- Abbreviation: RP
- Leader: Phil Craig
- Founded: 9 November 2023; 2 years ago
- Dissolved: 25 March 2026
- Preceded by: Cape Independence Advocacy Group (CIAG)
- Merged into: Freedom Front
- Ideology: Cape independence Self-determination
- Provincial Affiliation: CapeXit Election Accord (2024)
- Colours: Navy and Gold
- Slogan: Our Cape. Our Future. Our Choice!

Website
- www.referendumparty.org

= Referendum Party (South Africa) =

Former secessionist political party in South Africa

The Referendum Party (RP) was a small secessionist political party in South Africa established to compete in the 2024 general election. The party was founded by members of the Cape Independence Advocacy Group (CIAG) in November 2023 in response to Western Cape premier Alan Winde refusing to call a referendum on Cape independence in October 2023.

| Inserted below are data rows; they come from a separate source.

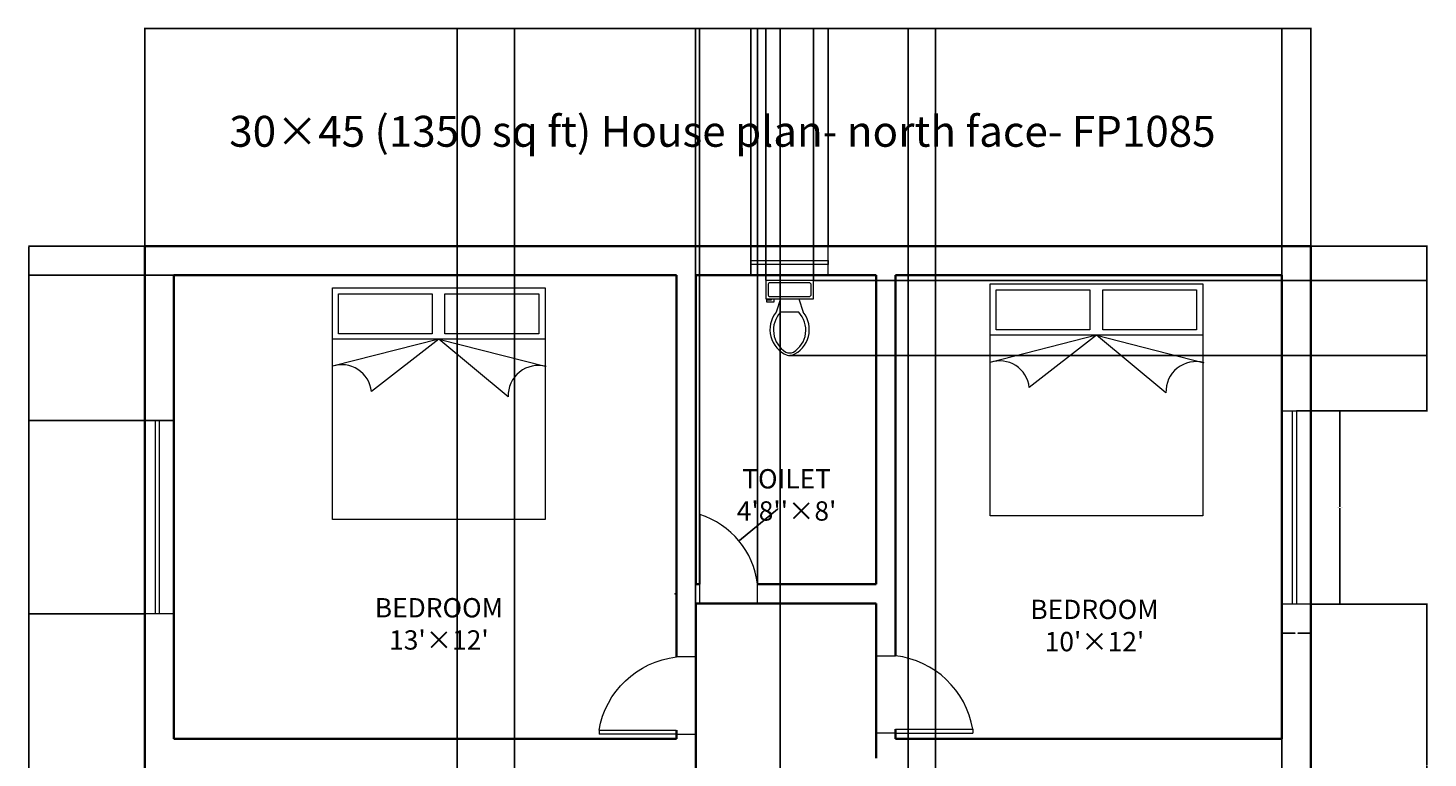
# Model space of a CAD drawing. Units: inches. Extents: x 1108 to 1543, y 442 to 1097.
# Tile 3 of 3: x 1108 to 1543, y 871 to 1097. Entities that reach past the tile are written whole.
import ezdxf

# ---------------------------------------------------------------- set-up
doc = ezdxf.new("R2010")
doc.units = ezdxf.units.IN
for name, color, linetype, lineweight in [('A-ANNO-DIMS', 2, 'Continuous', 18), ('A-ANNO-TEXT', 7, 'Continuous', 25), ('A-AREA-IDEN', 7, 'Continuous', 18), ('A-DOOR', 4, 'Continuous', 18), ('A-FLOR-FIXT', 9, 'Continuous', 18), ('A-FURN', 8, 'Continuous', 18), ('A-GLAZ', 5, 'Continuous', 18), ('A-WALL', 7, 'Continuous', 35)]:
    doc.layers.add(name, color=color, linetype=linetype, lineweight=lineweight)
doc.styles.get("Standard").update_dxf_attribs({"font": 'times.ttf'})
doc.dimstyles.get("Standard").update_dxf_attribs({"dimtxt": 0.18, "dimasz": 0.18, "dimexe": 0.18, "dimexo": 0.0625, "dimgap": 0.09, "dimtad": 0, "dimtih": 1, "dimtoh": 1, "dimdec": 4, "dimzin": 0, "dimdsep": 46, "dimtxsty": 'Standard', "dimcen": 0.09, "dimadec": 0, "dimazin": 0, "dimtfac": 1, "dimtdec": 4, "dimtofl": 0, "dimtmove": 0, "dimatfit": 3, "dimfxl": 1, "dimtolj": 1, "dimtzin": 0, "dimarcsym": 0})

# ---------------------------------------------------------------- blocks, each defined once
blk = doc.blocks.new('d')
for p, q in [((1309.33, 626.48), (1285.33, 626.48)), ((1285.33, 625.28), (1285.33, 626.48)), ((1309.33, 626.48), (1315.33, 626.48)), ((1309.33, 625.28), (1285.33, 625.28)), ((1315.33, 602.48), (1309.33, 602.48))]:
    blk.add_line(p, q)
blk.add_arc((1312.52, 629.86), 27.57, 189.5705, 263.3671)
blk = doc.blocks.new('*U3')
for p, q in [((9.5, -6), (9.5, -2)), ((-10, -8.5), (-8, -8.5)), ((-10, -9.5), (-10, -8.5)), ((-7, -9.5), (-10, -9.5)), ((-8, -8.5), (-8, -8)), ((-7, -8), (-7, -9.5)), ((-4, -8), (-6, -14)), ((4, -8), (6, -14)), ((4, -14), (-4, -14))]:
    blk.add_line(p, q)
blk.add_lwpolyline([(10.5, -8), (10.5, 0), (-10.5, 0), (-10.5, -8)], close=True)
for points in [[(-9.5, -2), (-9.5, -6)], [(8.5, -1), (-8.5, -1)], [(-8.5, -7), (8.5, -7)]]:
    blk.add_lwpolyline(points)
for centre, radius, start, end in [((-8.62, -1.88), 0.884, 81.8699, 188.1301), ((-8.62, -6.12), 0.884, 171.8699, 278.1301), ((8.62, -1.88), 0.884, 351.8699, 98.1301), ((8.62, -6.12), 0.884, 261.8699, 8.1301), ((3.52, -21.58), 12.17, 141.46911, 247.97143), ((4.2, -21.82), 11.33, 136.36773, 238.94682), ((-3.52, -21.58), 12.17, 292.02843, 38.53071), ((-4.2, -21.82), 11.33, 301.05301, 43.63209), ((0, -27.88), 4, 245.73182, 294.26817), ((0, -29), 4, 254.86053, 285.13947)]:
    blk.add_arc(centre, radius, start, end)
blk = doc.blocks.new('BED-DOUBLE-66X72')
for p, q in [((0, 0), (0, 72)), ((0, 72), (66, 72)), ((66, 72), (66, 0)), ((66, 56.1), (0, 56.1)), ((33, 56.1), (0, 47.62)), ((33, 56.1), (12.08, 39.84)), ((33, 56.1), (66, 47.62)), ((54.54, 38.14), (33, 56.1)), ((66, 0), (0, 0))]:
    blk.add_line(p, q)
for points in [[(30.92, 70.13), (30.92, 57.75), (1.83, 57.75), (1.83, 70.13)], [(64.01, 70.13), (64.01, 57.75), (34.92, 57.75), (34.92, 70.13)]]:
    blk.add_lwpolyline(points, close=True)
for centre, radius, start, end in [((2.92, 38.89), 9.21, 5.9499, 108.4921), ((63.85, 38.55), 9.32, 74.4856, 182.5542)]:
    blk.add_arc(centre, radius, start, end)
blk = doc.blocks.new('WIN-60IN')
for p, q in [((-9, -60), (-9, 0)), ((-9, 0), (0, 0)), ((-5.7, -60), (-5.7, 0)), ((0, 0), (-4.5, 0)), ((-4.5, 0), (-4.5, -60)), ((0, 0), (0, -60)), ((0, -60), (-9, -60)), ((-4.5, -60), (-5.7, -60))]:
    blk.add_line(p, q)
blk = doc.blocks.new('*D7')
at = {"layer": 'A-ANNO-DIMS', "color": 0, "lineweight": -2, "transparency": 16777216}
for p, q in [((1506.4, 978.47), (1515.51, 978.47)), ((1515.33, 978.29), (1515.33, 948.65)), ((1515.33, 918.65), (1515.33, 948.29)), ((1506.4, 918.47), (1515.51, 918.47))]:
    blk.add_line(p, q, dxfattribs=at)
at = {"layer": 'A-ANNO-DIMS', "color": 0, "transparency": 16777216}
for points in [[(1515.3, 978.29), (1515.36, 978.29), (1515.33, 978.47)], [(1515.3, 918.65), (1515.36, 918.65), (1515.33, 918.47)]]:
    blk.add_solid(points, dxfattribs=at)
at = {"layer": 'Defpoints', "color": 0, "transparency": 16777216}
for p in [(1506.33, 978.47), (1515.33, 978.47), (1506.33, 918.47)]:
    blk.add_point(p, dxfattribs=at)
at = {"layer": 'A-ANNO-DIMS', "color": 0, "transparency": 16777216, "insert": (1515.33, 948.47), "char_height": 0.18, "attachment_point": 5}
blk.add_mtext('\\A1;WINDOW 60 TYP.', dxfattribs=at)
blk = doc.blocks.new('*D8')
at = {"layer": 'A-ANNO-DIMS', "color": 0, "lineweight": -2, "transparency": 16777216}
for p, q in [((1497.33, 918.41), (1497.33, 909.29)), ((1506.33, 918.41), (1506.33, 909.29)), ((1497.51, 909.47), (1501.38, 909.47)), ((1506.15, 909.47), (1502.29, 909.47))]:
    blk.add_line(p, q, dxfattribs=at)
at = {"layer": 'A-ANNO-DIMS', "color": 0, "transparency": 16777216}
for points in [[(1497.51, 909.5), (1497.51, 909.44), (1497.33, 909.47)], [(1506.15, 909.5), (1506.15, 909.44), (1506.33, 909.47)]]:
    blk.add_solid(points, dxfattribs=at)
at = {"layer": 'Defpoints', "color": 0, "transparency": 16777216}
for p in [(1497.33, 918.47), (1506.33, 918.47), (1506.33, 909.47)]:
    blk.add_point(p, dxfattribs=at)
at = {"layer": 'A-ANNO-DIMS', "color": 0, "transparency": 16777216, "insert": (1501.83, 909.47), "char_height": 0.18, "attachment_point": 5}
blk.add_mtext('\\A1;9 TYP.', dxfattribs=at)
blk = doc.blocks.new('*D15')
at = {"layer": 'A-ANNO-DIMS', "color": 0, "lineweight": -2, "transparency": 16777216}
for p, q in [((1144.33, 1029.74), (1144.33, 1097.43)), ((1144.51, 1097.25), (1325.06, 1097.25)), ((1506.15, 1097.25), (1325.61, 1097.25)), ((1506.33, 1029.74), (1506.33, 1097.43))]:
    blk.add_line(p, q, dxfattribs=at)
at = {"layer": 'A-ANNO-DIMS', "color": 0, "transparency": 16777216}
for points in [[(1144.51, 1097.28), (1144.51, 1097.22), (1144.33, 1097.25)], [(1506.15, 1097.28), (1506.15, 1097.22), (1506.33, 1097.25)]]:
    blk.add_solid(points, dxfattribs=at)
at = {"layer": 'Defpoints', "color": 0, "transparency": 16777216}
for p in [(1506.33, 1097.25), (1144.33, 1029.68), (1506.33, 1029.68)]:
    blk.add_point(p, dxfattribs=at)
at = {"layer": 'A-ANNO-DIMS', "color": 0, "transparency": 16777216, "insert": (1325.33, 1097.25), "char_height": 0.18, "attachment_point": 5}
blk.add_mtext('\\A1;362', dxfattribs=at)
blk = doc.blocks.new('*D16')
at = {"layer": 'A-ANNO-DIMS', "color": 0, "lineweight": -2, "transparency": 16777216}
for p, q in [((1144.27, 1029.68), (1108.2, 1029.68)), ((1108.38, 1029.5), (1108.38, 758.36)), ((1108.38, 486.86), (1108.38, 758)), ((1144.27, 486.68), (1108.2, 486.68))]:
    blk.add_line(p, q, dxfattribs=at)
at = {"layer": 'A-ANNO-DIMS', "color": 0, "transparency": 16777216}
for points in [[(1108.35, 1029.5), (1108.41, 1029.5), (1108.38, 1029.68)], [(1108.35, 486.86), (1108.41, 486.86), (1108.38, 486.68)]]:
    blk.add_solid(points, dxfattribs=at)
at = {"layer": 'Defpoints', "color": 0, "transparency": 16777216}
for p in [(1108.38, 1029.68), (1144.33, 1029.68), (1144.33, 486.68)]:
    blk.add_point(p, dxfattribs=at)
at = {"layer": 'A-ANNO-DIMS', "color": 0, "transparency": 16777216, "insert": (1108.38, 758.18), "char_height": 0.18, "attachment_point": 5}
blk.add_mtext('\\A1;543', dxfattribs=at)
blk = doc.blocks.new('*D17')
at = {"layer": 'A-ANNO-DIMS', "color": 0, "lineweight": -2, "transparency": 16777216}
for p, q in [((1153.27, 1020.68), (1108.2, 1020.68)), ((1108.38, 1020.5), (1108.38, 998.26)), ((1108.38, 975.66), (1108.38, 997.9)), ((1153.27, 975.48), (1108.2, 975.48))]:
    blk.add_line(p, q, dxfattribs=at)
at = {"layer": 'A-ANNO-DIMS', "color": 0, "transparency": 16777216}
for points in [[(1108.35, 1020.5), (1108.41, 1020.5), (1108.38, 1020.68)], [(1108.35, 975.66), (1108.41, 975.66), (1108.38, 975.48)]]:
    blk.add_solid(points, dxfattribs=at)
at = {"layer": 'Defpoints', "color": 0, "transparency": 16777216}
for p in [(1153.33, 1020.68), (1108.38, 975.48), (1153.33, 975.48)]:
    blk.add_point(p, dxfattribs=at)
at = {"layer": 'A-ANNO-DIMS', "color": 0, "transparency": 16777216, "insert": (1108.38, 998.08), "char_height": 0.18, "attachment_point": 5}
blk.add_mtext('\\A1;45.2', dxfattribs=at)
blk = doc.blocks.new('*D18')
at = {"layer": 'A-ANNO-DIMS', "color": 0, "lineweight": -2, "transparency": 16777216}
for p, q in [((1144.27, 915.48), (1108.2, 915.48)), ((1108.38, 915.3), (1108.38, 883.28)), ((1108.38, 850.9), (1108.38, 882.92)), ((1144.27, 850.72), (1108.2, 850.72))]:
    blk.add_line(p, q, dxfattribs=at)
at = {"layer": 'A-ANNO-DIMS', "color": 0, "transparency": 16777216}
for points in [[(1108.35, 915.3), (1108.41, 915.3), (1108.38, 915.48)], [(1108.35, 850.9), (1108.41, 850.9), (1108.38, 850.72)]]:
    blk.add_solid(points, dxfattribs=at)
at = {"layer": 'Defpoints', "color": 0, "transparency": 16777216}
for p in [(1144.33, 915.48), (1108.38, 850.72), (1144.33, 850.72)]:
    blk.add_point(p, dxfattribs=at)
at = {"layer": 'A-ANNO-DIMS', "color": 0, "transparency": 16777216, "insert": (1108.38, 883.1), "char_height": 0.18, "attachment_point": 5}
blk.add_mtext('\\A1;64.76', dxfattribs=at)
blk = doc.blocks.new('*D20')
at = {"layer": 'A-ANNO-DIMS', "color": 0, "lineweight": -2, "transparency": 16777216}
for p, q in [((1506.4, 1029.68), (1542.46, 1029.68)), ((1542.28, 1029.5), (1542.28, 1004.26)), ((1542.28, 978.65), (1542.28, 1003.89)), ((1506.4, 978.47), (1542.46, 978.47))]:
    blk.add_line(p, q, dxfattribs=at)
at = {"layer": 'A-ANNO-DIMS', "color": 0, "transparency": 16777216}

The Referendum Party did not seek to remove the Democratic Alliance (DA) from the Western Cape government, but to push the DA into adopting more radical policy positions, including calling a referendum on independence and ban the use of racial laws and categories. The party was led by Phil Craig, who was previously involved in the founding of the Cape Independence Advocacy Group.

RP merged into the Freedom Front Plus on March 25 2026 after failing to secure any seats in the 2024 general elections.

== History ==
=== Formation ===
The Referendum Party had its roots in the Cape Independence Advocacy Group (CIAG), a political lobby group set up to lobby the DA-led Western Cape government to hold a referendum on independence. After years of negotiations the CIAG together with other organisations which included the Freedom Front Plus, CapeXit, the Swartland Aksie Groep and others sent an ultimatum to Alan Winde with the backing of 30k signatures. It asked the premier to either call a referendum on independence or ask the president of South Africa to call one. The Premier refused.

As a result, the CIAG launched the Referendum Party, to provide a safe haven for DA voters who also want a referendum on independence. The party was launched as a single issue party solely focused on calling for a referendum on independence.

=== 2024 South African General Election ===

In 2024, the party attempted to join the DA's Multi-Party Charter (MPC) national alliance, however the party's application was rejected due to the party's singular support for Cape independence. This is despite fellow MPC member the Freedom Front Plus (FF+) also being in favour of Cape independence. The FF+, RP and CapeXit NPO separately signed a joint electoral pact binding the parties to require a referendum on independence as part of any coalition condition in the Western Cape.

The party failed to win any seats in the general election.

=== Extra parliamentary period (2024-2026) ===
The RP stopped being singular issue after its disappointing electoral results and adopted a more broadly radical political stance in general.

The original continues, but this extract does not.